3. Language & Script Considerations
Some languages require additional preprocessing or have inherently higher synthesis complexity, which can add a 10-20 milliseconds to first-byte latency. You can minimize this by using the right script and optimizing input text.
Best Practices:
Use the correct script for each language
For Hindi, always prefer Devanagari (देवनागरी) instead of Latin transliteration. This reduces preprocessing and results in lower latency and more accurate pronunciation. If you send Hindi written in English characters (“aap kaise ho”), the system currently performs transliteration, which adds 5–10 ms of overhead.
Examples:
-
Hindi — Devanagari (देवनागरी)
- Recommended: “आप कैसे हैं?”
- Not recommended: “aap kaise hain?”
-
Tamil — Tamil script (தமிழ்)
- Recommended: “நீங்கள் எப்படி இருக்கிறீர்கள்?”

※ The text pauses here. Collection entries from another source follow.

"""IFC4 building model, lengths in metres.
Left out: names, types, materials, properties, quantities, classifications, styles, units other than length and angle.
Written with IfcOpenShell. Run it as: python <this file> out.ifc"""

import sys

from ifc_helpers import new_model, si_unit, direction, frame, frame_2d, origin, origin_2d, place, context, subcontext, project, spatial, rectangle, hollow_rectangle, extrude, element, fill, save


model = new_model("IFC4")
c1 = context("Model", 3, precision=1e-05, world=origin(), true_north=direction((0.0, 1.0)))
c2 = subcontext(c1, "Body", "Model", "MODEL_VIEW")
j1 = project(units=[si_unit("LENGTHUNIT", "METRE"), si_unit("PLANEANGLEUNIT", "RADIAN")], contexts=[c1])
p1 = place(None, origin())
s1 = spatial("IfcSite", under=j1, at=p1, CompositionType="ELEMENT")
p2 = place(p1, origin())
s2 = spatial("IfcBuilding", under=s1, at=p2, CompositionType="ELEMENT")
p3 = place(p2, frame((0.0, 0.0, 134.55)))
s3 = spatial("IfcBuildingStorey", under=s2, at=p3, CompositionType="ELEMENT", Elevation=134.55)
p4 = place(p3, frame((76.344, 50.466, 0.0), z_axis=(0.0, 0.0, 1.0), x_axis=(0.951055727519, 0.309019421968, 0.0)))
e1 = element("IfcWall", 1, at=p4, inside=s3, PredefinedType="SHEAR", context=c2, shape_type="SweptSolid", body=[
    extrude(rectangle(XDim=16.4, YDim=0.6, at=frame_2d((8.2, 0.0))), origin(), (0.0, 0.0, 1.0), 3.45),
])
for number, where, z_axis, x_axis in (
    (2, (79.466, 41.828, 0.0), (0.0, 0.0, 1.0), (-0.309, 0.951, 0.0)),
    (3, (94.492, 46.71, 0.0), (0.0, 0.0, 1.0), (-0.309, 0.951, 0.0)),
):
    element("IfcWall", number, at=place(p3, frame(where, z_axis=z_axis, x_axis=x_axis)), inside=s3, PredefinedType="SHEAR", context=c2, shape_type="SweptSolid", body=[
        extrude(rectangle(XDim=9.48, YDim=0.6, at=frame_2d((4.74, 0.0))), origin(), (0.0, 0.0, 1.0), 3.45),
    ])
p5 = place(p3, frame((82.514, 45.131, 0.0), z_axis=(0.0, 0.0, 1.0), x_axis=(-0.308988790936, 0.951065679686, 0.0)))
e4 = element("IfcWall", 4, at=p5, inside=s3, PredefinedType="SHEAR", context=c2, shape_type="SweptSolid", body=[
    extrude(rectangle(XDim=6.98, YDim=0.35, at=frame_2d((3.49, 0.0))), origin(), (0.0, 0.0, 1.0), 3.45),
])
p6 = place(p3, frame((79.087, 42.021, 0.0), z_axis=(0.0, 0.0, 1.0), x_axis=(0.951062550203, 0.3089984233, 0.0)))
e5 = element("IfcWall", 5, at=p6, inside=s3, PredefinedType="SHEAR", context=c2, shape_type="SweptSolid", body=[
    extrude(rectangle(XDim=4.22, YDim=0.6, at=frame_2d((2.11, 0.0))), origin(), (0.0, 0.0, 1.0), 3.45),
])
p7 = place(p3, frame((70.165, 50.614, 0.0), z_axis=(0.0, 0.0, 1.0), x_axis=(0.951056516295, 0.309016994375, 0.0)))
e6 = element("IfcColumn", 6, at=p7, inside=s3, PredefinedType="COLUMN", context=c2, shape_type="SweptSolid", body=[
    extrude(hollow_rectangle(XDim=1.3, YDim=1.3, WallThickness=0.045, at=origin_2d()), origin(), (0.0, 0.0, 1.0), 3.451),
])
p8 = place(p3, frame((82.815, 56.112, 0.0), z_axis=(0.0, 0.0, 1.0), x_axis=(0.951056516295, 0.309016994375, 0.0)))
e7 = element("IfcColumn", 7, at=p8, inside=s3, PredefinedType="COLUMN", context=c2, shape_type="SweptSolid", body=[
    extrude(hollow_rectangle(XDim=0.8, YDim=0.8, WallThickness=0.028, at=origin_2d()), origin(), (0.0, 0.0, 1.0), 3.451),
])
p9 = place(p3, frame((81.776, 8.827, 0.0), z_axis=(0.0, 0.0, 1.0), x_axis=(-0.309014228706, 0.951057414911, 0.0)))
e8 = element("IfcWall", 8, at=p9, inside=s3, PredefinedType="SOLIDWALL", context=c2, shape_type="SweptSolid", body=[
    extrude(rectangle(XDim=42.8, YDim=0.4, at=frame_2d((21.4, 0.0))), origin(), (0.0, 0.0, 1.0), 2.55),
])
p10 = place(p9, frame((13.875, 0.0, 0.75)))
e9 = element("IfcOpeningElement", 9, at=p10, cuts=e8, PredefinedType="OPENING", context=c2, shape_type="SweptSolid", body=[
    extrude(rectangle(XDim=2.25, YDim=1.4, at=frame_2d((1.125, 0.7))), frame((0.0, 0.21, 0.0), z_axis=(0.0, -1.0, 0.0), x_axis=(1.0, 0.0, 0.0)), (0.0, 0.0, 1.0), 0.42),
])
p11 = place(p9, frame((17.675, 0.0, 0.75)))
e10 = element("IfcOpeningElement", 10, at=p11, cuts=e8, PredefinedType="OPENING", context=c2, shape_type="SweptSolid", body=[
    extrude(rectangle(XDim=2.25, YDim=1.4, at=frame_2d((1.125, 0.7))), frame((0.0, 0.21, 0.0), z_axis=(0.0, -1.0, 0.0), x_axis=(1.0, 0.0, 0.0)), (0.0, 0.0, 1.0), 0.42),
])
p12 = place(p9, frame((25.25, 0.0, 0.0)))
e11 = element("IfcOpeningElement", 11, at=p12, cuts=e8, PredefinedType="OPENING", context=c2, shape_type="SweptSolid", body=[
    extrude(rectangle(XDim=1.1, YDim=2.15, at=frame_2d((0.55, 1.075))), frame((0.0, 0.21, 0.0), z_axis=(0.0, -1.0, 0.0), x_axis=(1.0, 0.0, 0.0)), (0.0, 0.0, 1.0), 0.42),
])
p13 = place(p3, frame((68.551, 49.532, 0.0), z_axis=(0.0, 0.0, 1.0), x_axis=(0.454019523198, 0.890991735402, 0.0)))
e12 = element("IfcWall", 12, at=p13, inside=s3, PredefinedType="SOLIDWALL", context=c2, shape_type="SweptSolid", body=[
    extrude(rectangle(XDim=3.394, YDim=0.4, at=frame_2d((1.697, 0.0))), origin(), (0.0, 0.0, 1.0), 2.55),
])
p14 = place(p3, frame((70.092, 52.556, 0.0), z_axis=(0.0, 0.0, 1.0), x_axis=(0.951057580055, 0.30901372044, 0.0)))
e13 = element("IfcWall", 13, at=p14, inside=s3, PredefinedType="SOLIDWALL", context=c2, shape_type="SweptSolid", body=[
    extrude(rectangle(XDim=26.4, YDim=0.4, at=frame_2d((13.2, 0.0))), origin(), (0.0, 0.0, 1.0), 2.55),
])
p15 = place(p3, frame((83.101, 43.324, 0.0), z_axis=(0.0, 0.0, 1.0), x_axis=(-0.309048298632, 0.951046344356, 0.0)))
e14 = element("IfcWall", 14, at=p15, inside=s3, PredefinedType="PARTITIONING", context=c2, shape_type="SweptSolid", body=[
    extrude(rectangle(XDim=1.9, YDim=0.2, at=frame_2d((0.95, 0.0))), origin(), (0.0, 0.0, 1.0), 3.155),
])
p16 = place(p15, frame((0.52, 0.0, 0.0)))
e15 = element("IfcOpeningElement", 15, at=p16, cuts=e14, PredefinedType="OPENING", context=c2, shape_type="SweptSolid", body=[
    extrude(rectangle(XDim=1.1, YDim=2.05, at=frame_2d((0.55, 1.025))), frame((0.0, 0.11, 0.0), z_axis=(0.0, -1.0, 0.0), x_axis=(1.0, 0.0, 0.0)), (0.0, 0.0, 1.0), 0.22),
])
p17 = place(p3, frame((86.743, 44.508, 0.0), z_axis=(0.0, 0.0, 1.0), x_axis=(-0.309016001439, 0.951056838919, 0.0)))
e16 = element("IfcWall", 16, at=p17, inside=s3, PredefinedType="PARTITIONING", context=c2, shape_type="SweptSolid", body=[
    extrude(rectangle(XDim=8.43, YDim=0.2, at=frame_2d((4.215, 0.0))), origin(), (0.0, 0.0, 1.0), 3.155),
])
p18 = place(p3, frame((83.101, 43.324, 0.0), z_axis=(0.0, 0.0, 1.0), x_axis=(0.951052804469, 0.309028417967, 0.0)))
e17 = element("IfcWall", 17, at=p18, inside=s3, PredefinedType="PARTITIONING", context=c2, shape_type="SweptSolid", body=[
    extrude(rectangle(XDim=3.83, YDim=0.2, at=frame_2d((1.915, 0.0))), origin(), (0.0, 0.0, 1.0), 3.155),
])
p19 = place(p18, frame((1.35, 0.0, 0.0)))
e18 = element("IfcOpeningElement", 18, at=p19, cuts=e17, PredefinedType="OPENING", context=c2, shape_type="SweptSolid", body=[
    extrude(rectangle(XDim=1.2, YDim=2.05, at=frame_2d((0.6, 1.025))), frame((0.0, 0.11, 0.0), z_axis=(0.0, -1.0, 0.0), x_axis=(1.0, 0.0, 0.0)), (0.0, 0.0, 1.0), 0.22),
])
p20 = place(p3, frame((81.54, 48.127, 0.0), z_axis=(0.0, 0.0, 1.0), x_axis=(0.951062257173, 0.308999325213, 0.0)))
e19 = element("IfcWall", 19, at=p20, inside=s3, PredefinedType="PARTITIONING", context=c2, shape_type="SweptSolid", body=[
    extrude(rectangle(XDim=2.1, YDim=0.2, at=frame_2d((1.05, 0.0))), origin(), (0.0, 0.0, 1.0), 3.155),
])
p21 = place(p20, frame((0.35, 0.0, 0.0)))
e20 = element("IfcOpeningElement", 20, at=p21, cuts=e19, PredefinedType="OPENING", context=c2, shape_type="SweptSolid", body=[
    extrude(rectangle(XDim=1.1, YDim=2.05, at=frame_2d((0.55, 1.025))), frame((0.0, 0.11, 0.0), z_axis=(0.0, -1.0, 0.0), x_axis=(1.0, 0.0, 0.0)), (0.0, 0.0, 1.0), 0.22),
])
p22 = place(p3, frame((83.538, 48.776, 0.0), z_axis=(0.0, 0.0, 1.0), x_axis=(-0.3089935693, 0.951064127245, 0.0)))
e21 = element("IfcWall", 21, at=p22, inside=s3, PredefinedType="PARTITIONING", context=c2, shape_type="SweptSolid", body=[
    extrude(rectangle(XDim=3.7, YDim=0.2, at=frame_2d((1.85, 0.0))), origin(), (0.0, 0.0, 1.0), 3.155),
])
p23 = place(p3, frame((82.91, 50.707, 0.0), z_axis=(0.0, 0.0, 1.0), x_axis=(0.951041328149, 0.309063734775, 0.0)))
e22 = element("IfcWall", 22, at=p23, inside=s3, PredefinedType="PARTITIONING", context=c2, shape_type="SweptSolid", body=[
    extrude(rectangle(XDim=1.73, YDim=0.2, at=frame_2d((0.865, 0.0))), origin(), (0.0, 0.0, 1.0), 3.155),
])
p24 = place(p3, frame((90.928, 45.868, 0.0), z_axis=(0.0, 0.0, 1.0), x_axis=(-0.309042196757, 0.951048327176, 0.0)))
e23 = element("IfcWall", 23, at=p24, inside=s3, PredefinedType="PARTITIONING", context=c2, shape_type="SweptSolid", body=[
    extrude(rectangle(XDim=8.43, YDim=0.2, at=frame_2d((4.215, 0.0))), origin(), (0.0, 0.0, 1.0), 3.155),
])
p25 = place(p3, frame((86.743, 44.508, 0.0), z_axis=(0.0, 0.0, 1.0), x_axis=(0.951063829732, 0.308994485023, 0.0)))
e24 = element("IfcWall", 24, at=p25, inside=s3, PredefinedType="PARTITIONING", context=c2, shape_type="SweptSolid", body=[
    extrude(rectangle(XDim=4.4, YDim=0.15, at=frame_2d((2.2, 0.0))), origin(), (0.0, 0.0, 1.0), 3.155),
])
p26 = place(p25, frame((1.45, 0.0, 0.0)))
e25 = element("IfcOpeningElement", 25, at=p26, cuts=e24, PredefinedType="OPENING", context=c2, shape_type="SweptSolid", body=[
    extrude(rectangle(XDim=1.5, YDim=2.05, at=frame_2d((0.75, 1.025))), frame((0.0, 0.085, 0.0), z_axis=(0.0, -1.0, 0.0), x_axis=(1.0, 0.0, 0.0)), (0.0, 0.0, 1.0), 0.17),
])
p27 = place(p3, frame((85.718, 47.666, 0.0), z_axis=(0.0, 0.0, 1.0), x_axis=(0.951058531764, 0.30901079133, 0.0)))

- Not recommended: “neenga eppadi irukeenga?”
-
Telugu — Telugu script (తెలుగు)
- Recommended: “మీరు ఎలా ఉన్నారు?”
- Not recommended: “meeru ela unnaru?”
-
Kannada — Kannada script (ಕನ್ನಡ)
- Recommended: “ನೀವು ಹೇಗಿದ್ದೀರಿ?”
- Not recommended: “neevu hegiddiri?”
-
Bengali — Bengali script (বাংলা)
-
Recommended: “আপনি কেমন আছেন?”
-
Not recommended: “apni kemon achhen?”
-
-
Marathi — Devanagari (देवनागरी)
-
Recommended: “तू कसा आहेस?”
-
Not recommended: “tu kasa ahes?”
-
-
Gujarati — Gujarati script (ગુજરાતી)
-
Recommended: “તમે કેમ છો?”
-
Not recommended: “tame kem cho?”
-
Keep your text concise
Very long input blocks delay the tokenization stage before streaming can start.Shorter, well-structured sentences allow faster first-byte response.
4. Use Connection Pooling (Persistent Connections)
Reusing connections avoids repeated TCP and TLS handshakes, which significantly reduces first-byte latency.
- Python: use
httpx.AsyncClient()orrequests.Session()to keep connections warm. - WebSockets: Keep the socket open and stream multiple generations over the same connection.
Persistent connections help you avoid 30 - 80 ms of extra overhead per request, especially in real-time voice workloads.